Uma sala de madeira, nas sombras, num dos pulmões dos trópicos. E às vezes eu me voltava para dentro de mim e visitava o sonho: uma estátua eternizada em pensamentos líquidos, um verme branco se contorcendo de amor.
Um amor fugitivo. Um sonho dentro de um sonho. E o pesadelo me disse: você vai crescer. Você deixará para trás as imagens da dor e do labirinto e esquecerá. Mas naquela época crescer pode ser um crime. Estou aqui, disse eu, com os cachorros românticos e aqui vou ficar.
Este poema, publicado no livro com o mesmo nome, fala-nos da juventude e da loucura e do descontrole das paixões a que costuma estar associado. Vemos também uma possível referência à queda do Chile nas mãos de Pinochet e sua emigração para o México.
2. Musa
Ela era mais bonita que o sol e eu ainda não tinha dezesseis anos. Vinte e quatro se passaram e ele ainda está ao meu lado. Às vezes a vejo caminhando nas montanhas: ela é o anjo da guarda de nossas orações. É o sonho que volta com a promessa e o apito. O apito que nos chama e que nos perde. Em seus olhos vejo os rostos de todos os meus amores perdidos.
Ah, Musa, protege-me, digo-lhe eu, nos dias terríveis da aventura incessante. Nunca se afaste de Mim. Observe meus passos e os passos de meu filho Lautaro. Deixe-me sentir novamente as pontas dos seus dedos nas minhas costas, me empurrando, quando tudo estiver escuro, quando tudo estiver perdido. Deixe-me ouvir o apito novamente.

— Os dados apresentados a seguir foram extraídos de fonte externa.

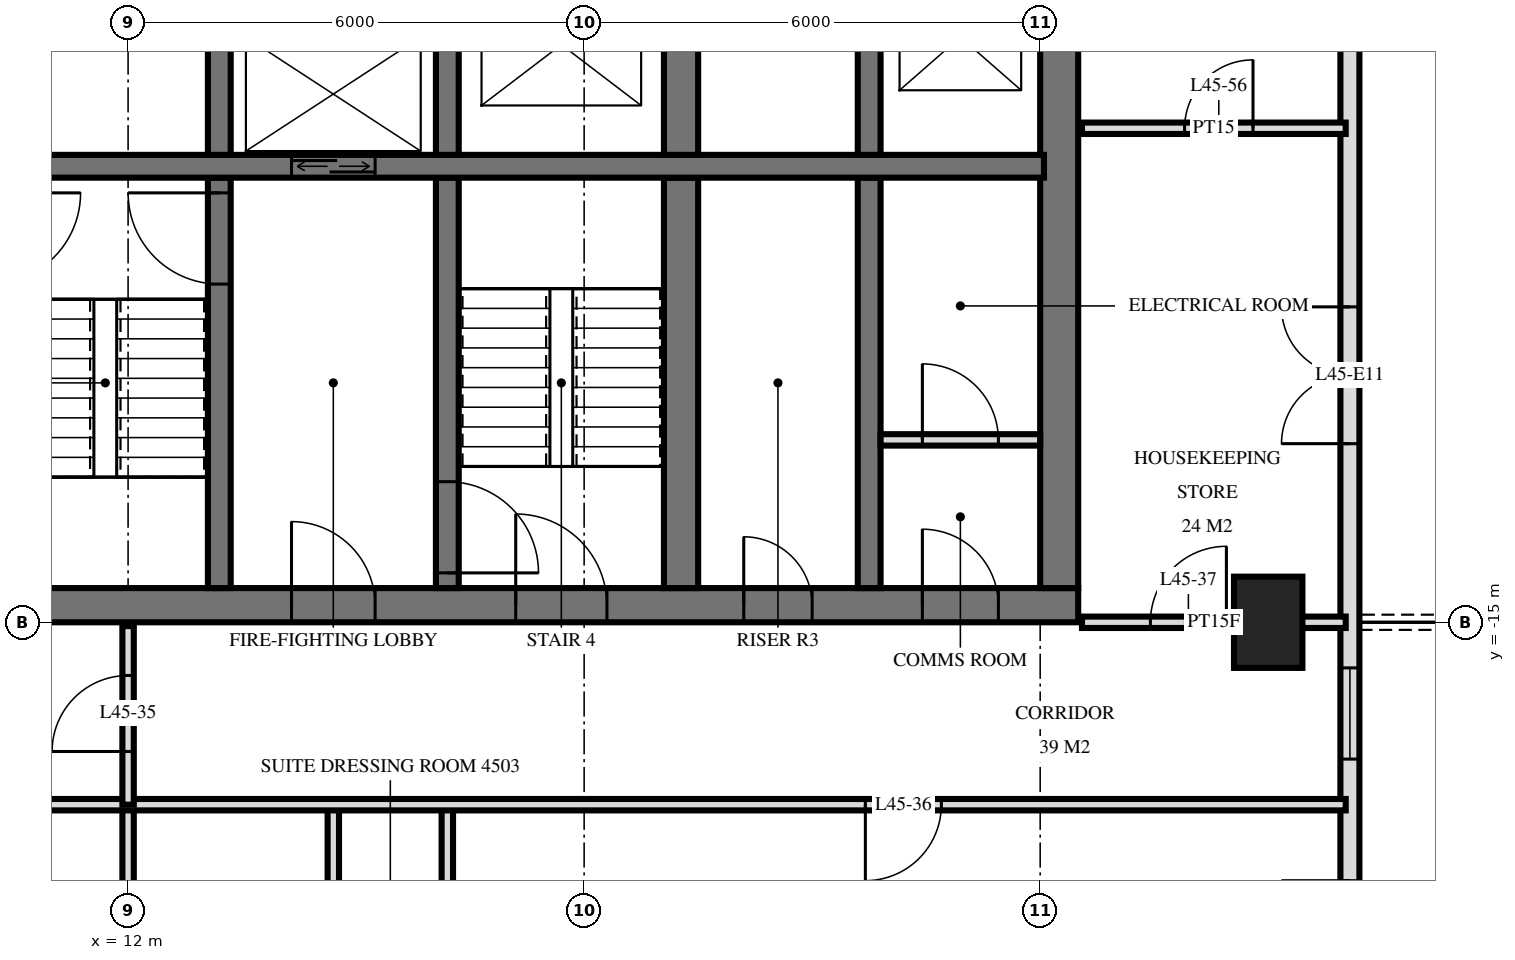
"""IFC4 building model, lengths in metres.
Left out: names, types, materials, properties, quantities, classifications, styles, units other than length and angle.
Written with IfcOpenShell. Run it as: python <this file> out.ifc"""

import sys

from ifc_helpers import new_model, si_unit, direction, frame, frame_2d, origin, origin_2d, place, context, subcontext, project, spatial, rectangle, extrude, element, fill, save


model = new_model("IFC4")
c1 = context("Model", 3, precision=1e-05, world=origin(), true_north=direction((0.0, 1.0)))
c2 = subcontext(c1, "Body", "Model", "MODEL_VIEW")
j1 = project(units=[si_unit("LENGTHUNIT", "METRE"), si_unit("PLANEANGLEUNIT", "RADIAN")], contexts=[c1])
p1 = place(None, origin())
s1 = spatial("IfcSite", under=j1, at=p1, CompositionType="ELEMENT")
p2 = place(p1, origin())
s2 = spatial("IfcBuilding", under=s1, at=p2, CompositionType="ELEMENT")
p3 = place(p2, frame((0.0, 0.0, 174.0)))
s3 = spatial("IfcBuildingStorey", under=s2, at=p3, CompositionType="ELEMENT", Elevation=174.0)
p4 = place(p3, frame((27.0, -15.0, 0.0), z_axis=(0.0, 0.0, 1.0), x_axis=(0.0, 1.0, 0.0)))
e1 = element("IfcColumn", 1, at=p4, inside=s3, PredefinedType="COLUMN", context=c2, shape_type="SweptSolid", body=[
    extrude(rectangle(XDim=1.2, YDim=0.9, at=origin_2d()), origin(), (0.0, 0.0, 1.0), 3.6),
])
p5 = place(p3, frame((10.0, -14.775, 0.0), z_axis=(0.0, 0.0, 1.0), x_axis=(1.0, 0.0, 0.0)))
e2 = element("IfcWall", 2, at=p5, inside=s3, PredefinedType="SHEAR", context=c2, shape_type="SweptSolid", body=[
    extrude(rectangle(XDim=14.5, YDim=0.45, at=frame_2d((7.25, 0.0))), origin(), (0.0, 0.0, 1.0), 3.6),
])
p6 = place(p5, frame((7.1, 0.0, 0.0)))
e3 = element("IfcOpeningElement", 3, at=p6, cuts=e2, PredefinedType="OPENING", context=c2, shape_type="SweptSolid", body=[
    extrude(rectangle(XDim=1.2, YDim=2.1, at=frame_2d((0.6, 1.05))), frame((0.0, 0.235, 0.0), z_axis=(0.0, -1.0, 0.0), x_axis=(1.0, 0.0, 0.0)), (0.0, 0.0, 1.0), 0.47),
])
p7 = place(p5, frame((4.15, 0.0, 0.0)))
e4 = element("IfcOpeningElement", 4, at=p7, cuts=e2, PredefinedType="OPENING", context=c2, shape_type="SweptSolid", body=[
    extrude(rectangle(XDim=1.1, YDim=2.1, at=frame_2d((0.55, 1.05))), frame((0.0, 0.235, 0.0), z_axis=(0.0, -1.0, 0.0), x_axis=(1.0, 0.0, 0.0)), (0.0, 0.0, 1.0), 0.47),
])
p8 = place(p5, frame((10.1, 0.0, 0.0)))
e5 = element("IfcOpeningElement", 5, at=p8, cuts=e2, PredefinedType="OPENING", context=c2, shape_type="SweptSolid", body=[
    extrude(rectangle(XDim=0.9, YDim=2.1, at=frame_2d((0.45, 1.05))), frame((0.0, 0.235, 0.0), z_axis=(0.0, -1.0, 0.0), x_axis=(1.0, 0.0, 0.0)), (0.0, 0.0, 1.0), 0.47),
])
p9 = place(p5, frame((12.45, 0.0, 0.0)))
e6 = element("IfcOpeningElement", 6, at=p9, cuts=e2, PredefinedType="OPENING", context=c2, shape_type="SweptSolid", body=[
    extrude(rectangle(XDim=1.0, YDim=2.1, at=frame_2d((0.5, 1.05))), frame((0.0, 0.235, 0.0), z_axis=(0.0, -1.0, 0.0), x_axis=(1.0, 0.0, 0.0)), (0.0, 0.0, 1.0), 0.47),
])
p10 = place(p3, frame((24.25, -14.55, 0.0), z_axis=(0.0, 0.0, 1.0), x_axis=(0.0, 1.0, 0.0)))
e7 = element("IfcWall", 7, at=p10, inside=s3, PredefinedType="SHEAR", context=c2, shape_type="SweptSolid", body=[
    extrude(rectangle(XDim=14.1, YDim=0.5, at=frame_2d((7.05, 0.0))), origin(), (0.0, 0.0, 1.0), 3.6),
])
p11 = place(p3, frame((10.35, -9.0, 0.0), z_axis=(0.0, 0.0, 1.0), x_axis=(1.0, 0.0, 0.0)))
e8 = element("IfcWall", 8, at=p11, inside=s3, PredefinedType="SHEAR", context=c2, shape_type="SweptSolid", body=[
    extrude(rectangle(XDim=13.7, YDim=0.3, at=frame_2d((6.85, 0.0))), origin(), (0.0, 0.0, 1.0), 3.6),
])
p12 = place(p11, frame((3.8, 0.0, 0.0)))
e9 = element("IfcOpeningElement", 9, at=p12, cuts=e8, PredefinedType="OPENING", context=c2, shape_type="SweptSolid", body=[
    extrude(rectangle(XDim=1.1, YDim=2.1, at=frame_2d((0.55, 1.05))), frame((0.0, 0.16, 0.0), z_axis=(0.0, -1.0, 0.0), x_axis=(1.0, 0.0, 0.0)), (0.0, 0.0, 1.0), 0.32),
])
p13 = place(p3, frame((13.2, -8.85, 0.0), z_axis=(0.0, 0.0, 1.0), x_axis=(0.0, 1.0, 0.0)))
e10 = element("IfcWall", 10, at=p13, inside=s3, PredefinedType="SHEAR", context=c2, shape_type="SweptSolid", body=[
    extrude(rectangle(XDim=2.3, YDim=0.3, at=frame_2d((1.15, 0.0))), origin(), (0.0, 0.0, 1.0), 3.6),
])
p14 = place(p3, frame((13.2, -14.55, 0.0), z_axis=(0.0, 0.0, 1.0), x_axis=(0.0, 1.0, 0.0)))
e11 = element("IfcWall", 11, at=p14, inside=s3, PredefinedType="SHEAR", context=c2, shape_type="SweptSolid", body=[
    extrude(rectangle(XDim=5.4, YDim=0.3, at=frame_2d((2.7, 0.0))), origin(), (0.0, 0.0, 1.0), 3.6),
])
p15 = place(p14, frame((4.0, 0.0, 0.0)))
e12 = element("IfcOpeningElement", 12, at=p15, cuts=e11, PredefinedType="OPENING", context=c2, shape_type="SweptSolid", body=[
    extrude(rectangle(XDim=1.2, YDim=2.1, at=frame_2d((0.6, 1.05))), frame((0.0, 0.16, 0.0), z_axis=(0.0, -1.0, 0.0), x_axis=(1.0, 0.0, 0.0)), (0.0, 0.0, 1.0), 0.32),
])
p16 = place(p3, frame((16.2, -8.85, 0.0), z_axis=(0.0, 0.0, 1.0), x_axis=(0.0, 1.0, 0.0)))
e13 = element("IfcWall", 13, at=p16, inside=s3, PredefinedType="SHEAR", context=c2, shape_type="SweptSolid", body=[
    extrude(rectangle(XDim=2.3, YDim=0.3, at=frame_2d((1.15, 0.0))), origin(), (0.0, 0.0, 1.0), 3.6),
])
p17 = place(p3, frame((16.2, -14.55, 0.0), z_axis=(0.0, 0.0, 1.0), x_axis=(0.0, 1.0, 0.0)))
e14 = element("IfcWall", 14, at=p17, inside=s3, PredefinedType="SHEAR", context=c2, shape_type="SweptSolid", body=[
    extrude(rectangle(XDim=5.4, YDim=0.3, at=frame_2d((2.7, 0.0))), origin(), (0.0, 0.0, 1.0), 3.6),
])
p18 = place(p17, frame((0.2, 0.0, 0.0)))
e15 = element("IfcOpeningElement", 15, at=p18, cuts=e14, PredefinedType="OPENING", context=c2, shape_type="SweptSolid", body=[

Eu sou seu amante fiel, embora às vezes o sono me separe de você. Você também é a rainha dos sonhos. Você tem minha amizade todos os dias e um dia sua amizade vai me tirar do deserto do esquecimento. Bem, mesmo que você venha quando eu for, no fundo somos amigos inseparáveis.
Musa, onde quer que eu vá, você vai. Eu vi você nos hospitais e na fila dos presos políticos. Eu vi você nos olhos terríveis de Edna Lieberman e nos becos dos pistoleiros. E você sempre me protegeu! Na derrota e no arranhão.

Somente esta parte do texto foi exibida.